Steven D'Aprano wrote:
On Sun, Oct 20, 2019 at 11:48:10PM -0000, Dominik Vilsmeier wrote:
Regarding "|" operator, I think a drawback is the resemblance with "or" (after all it's associated with "__or__") so people might assume behavior similar to x or y where x takes precedence (for truthy
values of x). So when reading d1 | d2 one could falsely assume that values in d1 take precedence over the ones in d2 for conflicting keys. And this is also the existing set behavior (though it's not really relevant in this case): There's a much easier way to demonstrate what you did:
{1} | {1.0} {1}
In any case, dict.update already has this behaviour:
d = {1: 'a'} d.update({1.0: 'A'}) d {1: 'A'}
The existing key is kept, only the value is changed. The PEP gives a proposed implementation, which if I remember correctly is: # d1 | d2 d = d1.copy() d.update(d2)

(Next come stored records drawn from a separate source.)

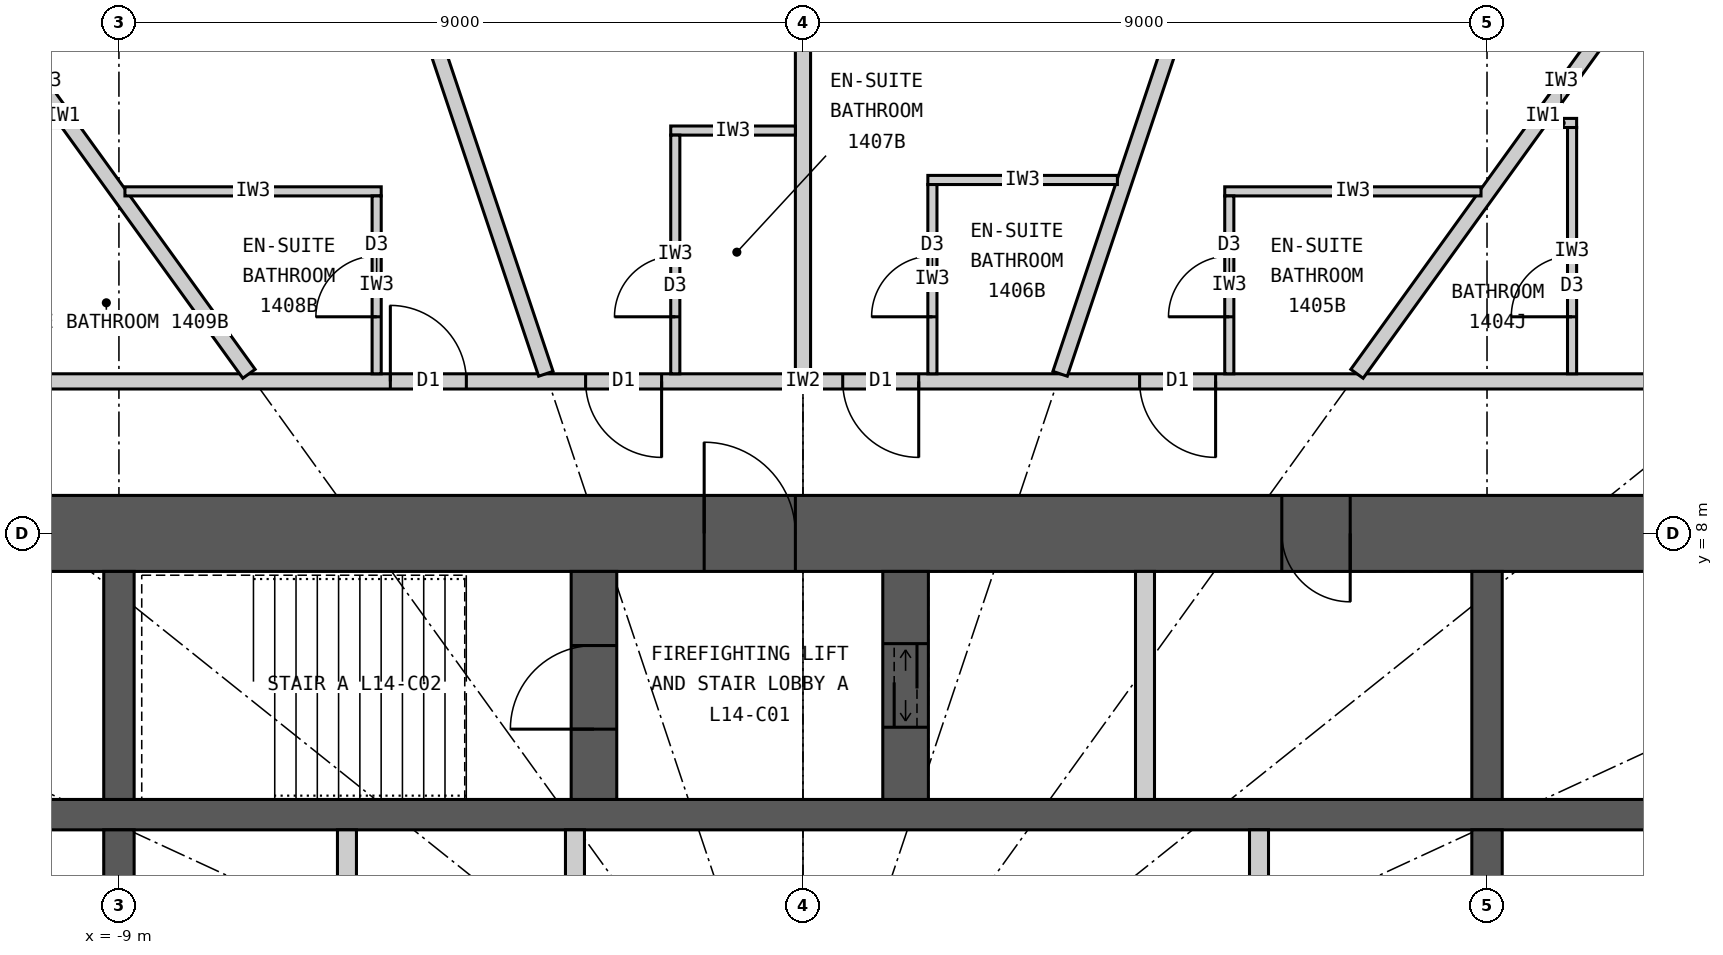
"""IFC4 building model, lengths in metres.
Left out: names, types, materials, properties, quantities, classifications, styles, units other than length and angle.
Written with IfcOpenShell. Run it as: python <this file> out.ifc"""

import sys

from ifc_helpers import new_model, si_unit, direction, frame, frame_2d, origin, place, context, subcontext, project, spatial, rectangle, extrude, element, fill, save


model = new_model("IFC4")
c1 = context("Model", 3, precision=1e-05, world=origin(), true_north=direction((0.0, 1.0)))
c2 = subcontext(c1, "Body", "Model", "MODEL_VIEW")
j1 = project(units=[si_unit("LENGTHUNIT", "METRE"), si_unit("PLANEANGLEUNIT", "RADIAN")], contexts=[c1])
p1 = place(None, origin())
s1 = spatial("IfcSite", under=j1, at=p1, CompositionType="ELEMENT")
p2 = place(p1, origin())
s2 = spatial("IfcBuilding", under=s1, at=p2, CompositionType="ELEMENT")
p3 = place(p2, frame((0.0, 0.0, 60.6)))
s3 = spatial("IfcBuildingStorey", under=s2, at=p3, CompositionType="ELEMENT", Elevation=60.6)
p4 = place(p3, frame((-12.5, 8.0, 0.0), z_axis=(0.0, 0.0, 1.0), x_axis=(1.0, 0.0, 0.0)))
e1 = element("IfcWall", 1, at=p4, inside=s3, PredefinedType="SHEAR", context=c2, shape_type="SweptSolid", body=[
    extrude(rectangle(XDim=25.0, YDim=1.0, at=frame_2d((12.5, 0.0))), origin(), (0.0, 0.0, 1.0), 3.3),
])
p5 = place(p4, frame((11.2, 0.0, 0.0)))
e2 = element("IfcOpeningElement", 2, at=p5, cuts=e1, PredefinedType="OPENING", context=c2, shape_type="SweptSolid", body=[
    extrude(rectangle(XDim=1.2, YDim=2.2, at=frame_2d((0.6, 1.1))), frame((0.0, 0.51, 0.0), z_axis=(0.0, -1.0, 0.0), x_axis=(1.0, 0.0, 0.0)), (0.0, 0.0, 1.0), 1.02),
])
p6 = place(p4, frame((18.8, 0.0, 0.0)))
e3 = element("IfcOpeningElement", 3, at=p6, cuts=e1, PredefinedType="OPENING", context=c2, shape_type="SweptSolid", body=[
    extrude(rectangle(XDim=0.9, YDim=2.2, at=frame_2d((0.45, 1.1))), frame((0.0, 0.51, 0.0), z_axis=(0.0, -1.0, 0.0), x_axis=(1.0, 0.0, 0.0)), (0.0, 0.0, 1.0), 1.02),
])
p7 = place(p3, frame((-11.5, 4.3, 0.0), z_axis=(0.0, 0.0, 1.0), x_axis=(1.0, 0.0, 0.0)))
e4 = element("IfcWall", 4, at=p7, inside=s3, PredefinedType="SHEAR", context=c2, shape_type="SweptSolid", body=[
    extrude(rectangle(XDim=23.0, YDim=0.4, at=frame_2d((11.5, 0.0))), origin(), (0.0, 0.0, 1.0), 3.3),
])
p8 = place(p3, frame((-9.0, 4.5, 0.0), z_axis=(0.0, 0.0, 1.0), x_axis=(0.0, 1.0, 0.0)))
e5 = element("IfcWall", 5, at=p8, inside=s3, PredefinedType="SHEAR", context=c2, shape_type="SweptSolid", body=[
    extrude(rectangle(XDim=3.0, YDim=0.4, at=frame_2d((1.5, 0.0))), origin(), (0.0, 0.0, 1.0), 3.3),
])
p9 = place(p3, frame((-9.0, 1.75, 0.0), z_axis=(0.0, 0.0, 1.0), x_axis=(0.0, 1.0, 0.0)))
e6 = element("IfcWall", 6, at=p9, inside=s3, PredefinedType="SHEAR", context=c2, shape_type="SweptSolid", body=[
    extrude(rectangle(XDim=2.35, YDim=0.4, at=frame_2d((1.175, 0.0))), origin(), (0.0, 0.0, 1.0), 3.3),
])
p10 = place(p3, frame((9.0, 4.5, 0.0), z_axis=(0.0, 0.0, 1.0), x_axis=(0.0, 1.0, 0.0)))
e7 = element("IfcWall", 7, at=p10, inside=s3, PredefinedType="SHEAR", context=c2, shape_type="SweptSolid", body=[
    extrude(rectangle(XDim=3.0, YDim=0.4, at=frame_2d((1.5, 0.0))), origin(), (0.0, 0.0, 1.0), 3.3),
])
p11 = place(p3, frame((9.0, 1.75, 0.0), z_axis=(0.0, 0.0, 1.0), x_axis=(0.0, 1.0, 0.0)))
e8 = element("IfcWall", 8, at=p11, inside=s3, PredefinedType="SHEAR", context=c2, shape_type="SweptSolid", body=[
    extrude(rectangle(XDim=2.35, YDim=0.4, at=frame_2d((1.175, 0.0))), origin(), (0.0, 0.0, 1.0), 3.3),
])
p12 = place(p3, frame((-2.75, 4.5, 0.0), z_axis=(0.0, 0.0, 1.0), x_axis=(0.0, 1.0, 0.0)))
e9 = element("IfcWall", 9, at=p12, inside=s3, PredefinedType="SHEAR", context=c2, shape_type="SweptSolid", body=[
    extrude(rectangle(XDim=3.0, YDim=0.6, at=frame_2d((1.5, 0.0))), origin(), (0.0, 0.0, 1.0), 3.3),
])
p13 = place(p12, frame((0.925, 0.0, 0.0)))
e10 = element("IfcOpeningElement", 10, at=p13, cuts=e9, PredefinedType="OPENING", context=c2, shape_type="SweptSolid", body=[
    extrude(rectangle(XDim=1.1, YDim=2.2, at=frame_2d((0.55, 1.1))), frame((0.0, 0.31, 0.0), z_axis=(0.0, -1.0, 0.0), x_axis=(1.0, 0.0, 0.0)), (0.0, 0.0, 1.0), 0.62),
])
p14 = place(p3, frame((1.35, 4.5, 0.0), z_axis=(0.0, 0.0, 1.0), x_axis=(0.0, 1.0, 0.0)))
e11 = element("IfcWall", 11, at=p14, inside=s3, PredefinedType="SHEAR", context=c2, shape_type="SweptSolid", body=[
    extrude(rectangle(XDim=3.0, YDim=0.6, at=frame_2d((1.5, 0.0))), origin(), (0.0, 0.0, 1.0), 3.3),
])
p15 = place(p14, frame((0.95, 0.0, 0.0)))
e12 = element("IfcOpeningElement", 12, at=p15, cuts=e11, PredefinedType="OPENING", context=c2, shape_type="SweptSolid", body=[
    extrude(rectangle(XDim=1.1, YDim=2.2, at=frame_2d((0.55, 1.1))), frame((0.0, 0.31, 0.0), z_axis=(0.0, -1.0, 0.0), x_axis=(1.0, 0.0, 0.0)), (0.0, 0.0, 1.0), 0.62),
])
p16 = place(p3, frame((4.5, 4.5, 0.0), z_axis=(0.0, 0.0, 1.0), x_axis=(0.0, 1.0, 0.0)))
e13 = element("IfcWall", 13, at=p16, inside=s3, PredefinedType="PARTITIONING", context=c2, shape_type="SweptSolid", body=[
    extrude(rectangle(XDim=3.0, YDim=0.25, at=frame_2d((1.5, 0.0))), origin(), (0.0, 0.0, 1.0), 3.3),
])
for number, where, z_axis, x_axis in (
    (14, (-6.0, 1.75, 0.0), (0.0, 0.0, 1.0), (0.0, 1.0, 0.0)),
    (15, (-3.0, 1.75, 0.0), (0.0, 0.0, 1.0), (0.0, 1.0, 0.0)),
    (16, (6.0, 1.75, 0.0), (0.0, 0.0, 1.0), (0.0, 1.0, 0.0)),
):
    element("IfcWall", number, at=place(p3, frame(where, z_axis=z_axis, x_axis=x_axis)), inside=s3, PredefinedType="PARTITIONING", context=c2, shape_type="SweptSolid", body=[
        extrude(rectangle(XDim=2.35, YDim=0.25, at=frame_2d((1.175, 0.0))), origin(), (0.0, 0.0, 1.0), 3.3),
    ])
p17 = place(p3, frame((-14.1, 10.0, 0.0), z_axis=(0.0, 0.0, 1.0), x_axis=(1.0, 0.0, 0.0)))
e17 = element("IfcWall", 17, at=p17, inside=s3, PredefinedType="PARTITIONING", context=c2, shape_type="SweptSolid", body=[
    extrude(rectangle(XDim=28.2, YDim=0.2, at=frame_2d((14.1, 0.0))), origin(), (0.0, 0.0, 1.0), 3.12),
])
p18 = place(p17, frame((18.529, 0.0, 0.0)))
e18 = element("IfcOpeningElement", 18, at=p18, cuts=e17, PredefinedType="OPENING", context=c2, shape_type="SweptSolid", body=[
    extrude(rectangle(XDim=1.0, YDim=2.2, at=frame_2d((0.5, 1.1))), frame((0.0, 0.11, 0.0), z_axis=(0.0, -1.0, 0.0), x_axis=(1.0, 0.0, 0.0)), (0.0, 0.0, 1.0), 0.22),
])
p19 = place(p17, frame((14.623, 0.0, 0.0)))
e19 = element("IfcOpeningElement", 19, at=p19, cuts=e17, PredefinedType="OPENING", context=c2, shape_type="SweptSolid", body=[
    extrude(rectangle(XDim=1.0, YDim=2.2, at=frame_2d((0.5, 1.1))), frame((0.0, 0.11, 0.0), z_axis=(0.0, -1.0, 0.0), x_axis=(1.0, 0.0, 0.0)), (0.0, 0.0, 1.0), 0.22),
])
p20 = place(p17, frame((11.24, 0.0, 0.0)))
e20 = element("IfcOpeningElement", 20, at=p20, cuts=e17, PredefinedType="OPENING", context=c2, shape_type="SweptSolid", body=[
    extrude(rectangle(XDim=1.0, YDim=2.2, at=frame_2d((0.5, 1.1))), frame((0.0, 0.11, 0.0), z_axis=(0.0, -1.0, 0.0), x_axis=(1.0, 0.0, 0.0)), (0.0, 0.0, 1.0), 0.22),
])
p21 = place(p17, frame((8.671, 0.0, 0.0)))
e21 = element("IfcOpeningElement", 21, at=p21, cuts=e17, PredefinedType="OPENING", context=c2, shape_type="SweptSolid", body=[
    extrude(rectangle(XDim=1.0, YDim=2.2, at=frame_2d((0.5, 1.1))), frame((0.0, 0.11, 0.0), z_axis=(0.0, -1.0, 0.0), x_axis=(1.0, 0.0, 0.0)), (0.0, 0.0, 1.0), 0.22),
])
p22 = place(p17, frame((2.801, 0.0, 0.0)))
e22 = element("IfcOpeningElement", 22, at=p22, cuts=e17, PredefinedType="OPENING", context=c2, shape_type="SweptSolid", body=[
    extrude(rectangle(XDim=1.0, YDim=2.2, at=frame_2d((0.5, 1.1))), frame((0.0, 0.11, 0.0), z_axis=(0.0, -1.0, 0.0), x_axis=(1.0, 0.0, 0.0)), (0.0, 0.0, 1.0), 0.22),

so it will keep the current dict behaviour:
keys are stable (first key seen wins) values are updated (last value seen wins)
Exactly, so the dict "+" behavior would match the set "|" behavior, preserving the keys. But how many users will be concerned about whether the keys are going to be preserved? I guess almost everybody will want to know what happens with the values, and that question remains unanswered by just looking at the "+" or "|" syntax. It's reasonable to assume that values are preserved as well, i.e. `d1 + d2` adds the missing keys from `d2` to `d1`. Of course, once you know that "+" is actually similar to "update" you can infer that the last value wins. But "+" simply doesn't read "update". So in order to know you'll have to look it up, but following that argument you could basically settle on any operator symbol for the update operation. A drawback of "+" is that different interpretations are plausible, and this fact cannot be denied as can be seen from the ongoing discussion. Of course one can blame the programmer, if they didn't check the documentation carefully enough, also since "in the face of ambiguity, refuse the temptation to guess". But in the end the language should assist the programmer and it's better not to introduce ambiguity in the first place.
I think that, strictly speaking, this "keys are stable" behaviour is not guaranteed by the language reference. But it's probably so deeply built into the implementation of dicts that it is unlike to ever change. (I think Guido mentioned something about it being a side-effect of the way dict __setitem__ works?)